When possible we try to test all JAX based code under jax.jit. This can help find bugs that would not be noticed in other situations.

Some methods, such as the prompt initializes need to have some of their arguments marked as static when they are jited. These functions normally take something like a shape as an argument. When used in Flax they work correctly but applying jit directly to them results in the shape becoming a tracer object so what should be accessible shape information becomes unusable tensor values.

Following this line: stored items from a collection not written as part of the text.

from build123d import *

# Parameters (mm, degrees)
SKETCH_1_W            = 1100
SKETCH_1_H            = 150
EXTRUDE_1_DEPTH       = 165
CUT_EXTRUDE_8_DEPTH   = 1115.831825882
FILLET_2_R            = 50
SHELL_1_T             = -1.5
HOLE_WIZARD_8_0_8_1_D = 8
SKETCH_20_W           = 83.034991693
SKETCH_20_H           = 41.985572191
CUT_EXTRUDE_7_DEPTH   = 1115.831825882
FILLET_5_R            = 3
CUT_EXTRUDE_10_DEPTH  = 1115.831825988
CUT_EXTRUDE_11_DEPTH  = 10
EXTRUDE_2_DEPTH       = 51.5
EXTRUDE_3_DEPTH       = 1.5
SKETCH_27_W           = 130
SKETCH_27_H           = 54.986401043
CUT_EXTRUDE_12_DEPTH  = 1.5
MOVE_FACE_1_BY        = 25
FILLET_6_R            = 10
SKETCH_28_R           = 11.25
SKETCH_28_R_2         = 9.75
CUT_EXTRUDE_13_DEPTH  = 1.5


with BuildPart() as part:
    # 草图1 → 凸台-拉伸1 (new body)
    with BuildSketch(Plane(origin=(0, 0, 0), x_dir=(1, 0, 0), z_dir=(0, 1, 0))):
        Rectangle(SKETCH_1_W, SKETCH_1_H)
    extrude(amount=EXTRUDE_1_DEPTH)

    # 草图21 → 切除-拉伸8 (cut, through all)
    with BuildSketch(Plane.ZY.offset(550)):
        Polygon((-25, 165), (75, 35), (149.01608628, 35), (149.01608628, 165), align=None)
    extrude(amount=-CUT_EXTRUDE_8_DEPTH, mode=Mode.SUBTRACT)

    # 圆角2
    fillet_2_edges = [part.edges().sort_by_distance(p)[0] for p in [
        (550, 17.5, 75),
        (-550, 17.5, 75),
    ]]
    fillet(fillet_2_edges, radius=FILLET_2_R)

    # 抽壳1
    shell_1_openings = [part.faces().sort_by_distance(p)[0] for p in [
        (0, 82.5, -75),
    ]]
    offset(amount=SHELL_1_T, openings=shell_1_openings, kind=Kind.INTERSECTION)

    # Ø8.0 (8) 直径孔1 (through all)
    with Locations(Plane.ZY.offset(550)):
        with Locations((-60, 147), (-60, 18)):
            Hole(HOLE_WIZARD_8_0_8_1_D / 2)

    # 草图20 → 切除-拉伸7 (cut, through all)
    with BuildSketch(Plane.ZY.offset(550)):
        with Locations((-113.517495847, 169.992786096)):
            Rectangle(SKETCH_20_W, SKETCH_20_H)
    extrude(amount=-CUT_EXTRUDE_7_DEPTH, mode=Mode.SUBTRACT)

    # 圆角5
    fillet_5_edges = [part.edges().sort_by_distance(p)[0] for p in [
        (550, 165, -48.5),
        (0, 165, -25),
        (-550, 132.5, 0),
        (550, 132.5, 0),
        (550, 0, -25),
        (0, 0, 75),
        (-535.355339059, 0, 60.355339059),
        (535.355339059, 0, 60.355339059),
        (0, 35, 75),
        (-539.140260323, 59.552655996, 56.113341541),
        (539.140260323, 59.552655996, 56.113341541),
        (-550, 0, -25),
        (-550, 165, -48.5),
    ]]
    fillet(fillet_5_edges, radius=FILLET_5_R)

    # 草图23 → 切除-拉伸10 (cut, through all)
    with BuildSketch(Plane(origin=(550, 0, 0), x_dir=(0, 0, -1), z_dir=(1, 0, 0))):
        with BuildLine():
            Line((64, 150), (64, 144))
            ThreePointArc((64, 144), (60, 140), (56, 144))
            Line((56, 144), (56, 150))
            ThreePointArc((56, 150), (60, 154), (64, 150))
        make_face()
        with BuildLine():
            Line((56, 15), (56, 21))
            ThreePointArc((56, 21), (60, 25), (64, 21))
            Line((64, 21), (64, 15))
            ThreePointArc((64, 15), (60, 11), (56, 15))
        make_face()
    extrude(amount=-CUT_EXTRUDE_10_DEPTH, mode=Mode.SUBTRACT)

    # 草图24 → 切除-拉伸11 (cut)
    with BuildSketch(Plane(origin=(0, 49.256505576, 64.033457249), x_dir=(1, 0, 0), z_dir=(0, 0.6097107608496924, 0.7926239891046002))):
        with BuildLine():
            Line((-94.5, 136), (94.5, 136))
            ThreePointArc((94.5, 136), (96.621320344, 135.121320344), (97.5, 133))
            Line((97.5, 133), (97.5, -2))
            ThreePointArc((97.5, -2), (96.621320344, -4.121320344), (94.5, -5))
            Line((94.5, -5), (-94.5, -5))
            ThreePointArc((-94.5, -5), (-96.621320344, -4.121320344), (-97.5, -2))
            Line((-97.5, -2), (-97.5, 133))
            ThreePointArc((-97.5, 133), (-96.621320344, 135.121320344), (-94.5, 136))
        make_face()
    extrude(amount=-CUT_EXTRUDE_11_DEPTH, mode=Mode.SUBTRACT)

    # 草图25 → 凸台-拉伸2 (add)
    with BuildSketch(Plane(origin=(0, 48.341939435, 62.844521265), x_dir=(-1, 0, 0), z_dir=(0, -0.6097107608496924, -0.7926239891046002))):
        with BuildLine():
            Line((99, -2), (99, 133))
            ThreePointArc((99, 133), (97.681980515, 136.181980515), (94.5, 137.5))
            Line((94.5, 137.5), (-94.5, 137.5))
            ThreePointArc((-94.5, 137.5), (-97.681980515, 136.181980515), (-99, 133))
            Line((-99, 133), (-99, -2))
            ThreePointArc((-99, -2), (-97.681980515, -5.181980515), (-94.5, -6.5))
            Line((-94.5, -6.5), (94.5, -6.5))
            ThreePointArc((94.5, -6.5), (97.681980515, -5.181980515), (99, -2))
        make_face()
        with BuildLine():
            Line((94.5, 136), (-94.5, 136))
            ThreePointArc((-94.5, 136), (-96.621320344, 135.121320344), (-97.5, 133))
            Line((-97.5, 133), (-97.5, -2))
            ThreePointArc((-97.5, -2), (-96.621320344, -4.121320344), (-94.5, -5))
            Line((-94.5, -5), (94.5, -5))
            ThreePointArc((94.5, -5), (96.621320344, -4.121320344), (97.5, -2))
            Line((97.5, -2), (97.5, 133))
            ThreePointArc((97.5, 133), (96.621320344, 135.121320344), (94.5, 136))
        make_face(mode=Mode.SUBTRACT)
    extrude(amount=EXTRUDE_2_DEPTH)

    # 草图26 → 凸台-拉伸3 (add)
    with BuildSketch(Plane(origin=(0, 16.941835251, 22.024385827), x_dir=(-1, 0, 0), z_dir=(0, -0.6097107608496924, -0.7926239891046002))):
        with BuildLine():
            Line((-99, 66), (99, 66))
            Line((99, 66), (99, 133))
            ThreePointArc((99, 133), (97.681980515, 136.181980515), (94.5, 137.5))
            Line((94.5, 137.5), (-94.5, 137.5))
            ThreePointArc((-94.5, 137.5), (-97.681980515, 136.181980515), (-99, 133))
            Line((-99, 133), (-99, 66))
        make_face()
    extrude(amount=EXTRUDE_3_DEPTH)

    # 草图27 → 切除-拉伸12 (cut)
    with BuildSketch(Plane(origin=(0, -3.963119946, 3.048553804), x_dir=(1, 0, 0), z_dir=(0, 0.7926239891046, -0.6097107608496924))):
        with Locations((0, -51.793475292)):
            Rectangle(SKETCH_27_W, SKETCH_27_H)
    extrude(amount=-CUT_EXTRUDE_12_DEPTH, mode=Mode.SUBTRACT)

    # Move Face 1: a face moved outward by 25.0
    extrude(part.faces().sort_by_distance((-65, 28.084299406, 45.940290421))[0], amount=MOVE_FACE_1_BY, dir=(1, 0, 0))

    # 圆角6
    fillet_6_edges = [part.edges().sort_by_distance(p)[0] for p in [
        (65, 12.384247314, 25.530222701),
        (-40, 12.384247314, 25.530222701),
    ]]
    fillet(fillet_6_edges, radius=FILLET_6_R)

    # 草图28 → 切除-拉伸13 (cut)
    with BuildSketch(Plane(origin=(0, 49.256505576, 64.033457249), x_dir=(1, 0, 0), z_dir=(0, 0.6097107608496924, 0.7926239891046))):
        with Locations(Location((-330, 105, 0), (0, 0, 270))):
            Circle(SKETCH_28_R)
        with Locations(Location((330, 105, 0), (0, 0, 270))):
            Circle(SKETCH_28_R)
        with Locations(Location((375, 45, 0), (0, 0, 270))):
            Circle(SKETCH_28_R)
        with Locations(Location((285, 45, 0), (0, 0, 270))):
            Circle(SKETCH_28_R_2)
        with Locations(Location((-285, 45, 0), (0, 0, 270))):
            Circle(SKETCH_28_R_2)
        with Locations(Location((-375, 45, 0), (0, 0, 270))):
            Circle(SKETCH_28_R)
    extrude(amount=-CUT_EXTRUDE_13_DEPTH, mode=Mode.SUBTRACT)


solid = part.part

When you are using a mock to test that some injectable module or function is used correctly (for example, your test ends with .assert_called_once_with(...)) you cannot jit the method. This results in errors about how the tracer object has leaked. You can use a mock in a jited method to control outputs however.

We use mock.create_autospec and mock.path.object(obj, "attr", autospec=True) when possible. This validates that the mock is not being called with methods it does not have. However, this can cause issues, especially when you autospec a class and get an object back with instance=True. If you try to call .assert_called_once_with you will get an error because the self parameter is not handled correctly. In these cases you need to check if called are equal using self.assertEqual and mock.call

We provide test utilities, (ArrayEqualMatcher and ArrayAllCloseMatcher) to help make assertions about function calls that take jax/numpy arrays as arguments. .assert_called_once_with does not correctly handle array parameters that are not the same object. The equality check it does first does an is check before calling the (possibly much more expensive) __eq__ check. This means if the array your mock was called with is the same object as the one you are checking in the assert, the test would pass, but if they are different objects with the same value, it would fail. The ArrayMatcher classes define __eq__ methods that uses np.(array_equal|allclose) to compare arrays. By wrapping the arrays in the expected call (the arguments to .assert_called_once_with) in this call we can use normal asserts with arrays as arguments.

Longer Running, More Integration-Style Tests

train/train_test.py includes a few tests that are longer running and more of a large scale integration test, making sure that the models, layers, configs, and prompts all work together. One test is that when the model is updated, only the prompt variable is changed. The second test is that model weights (except for the prompt weight) is correctly loaded from the checkpoint.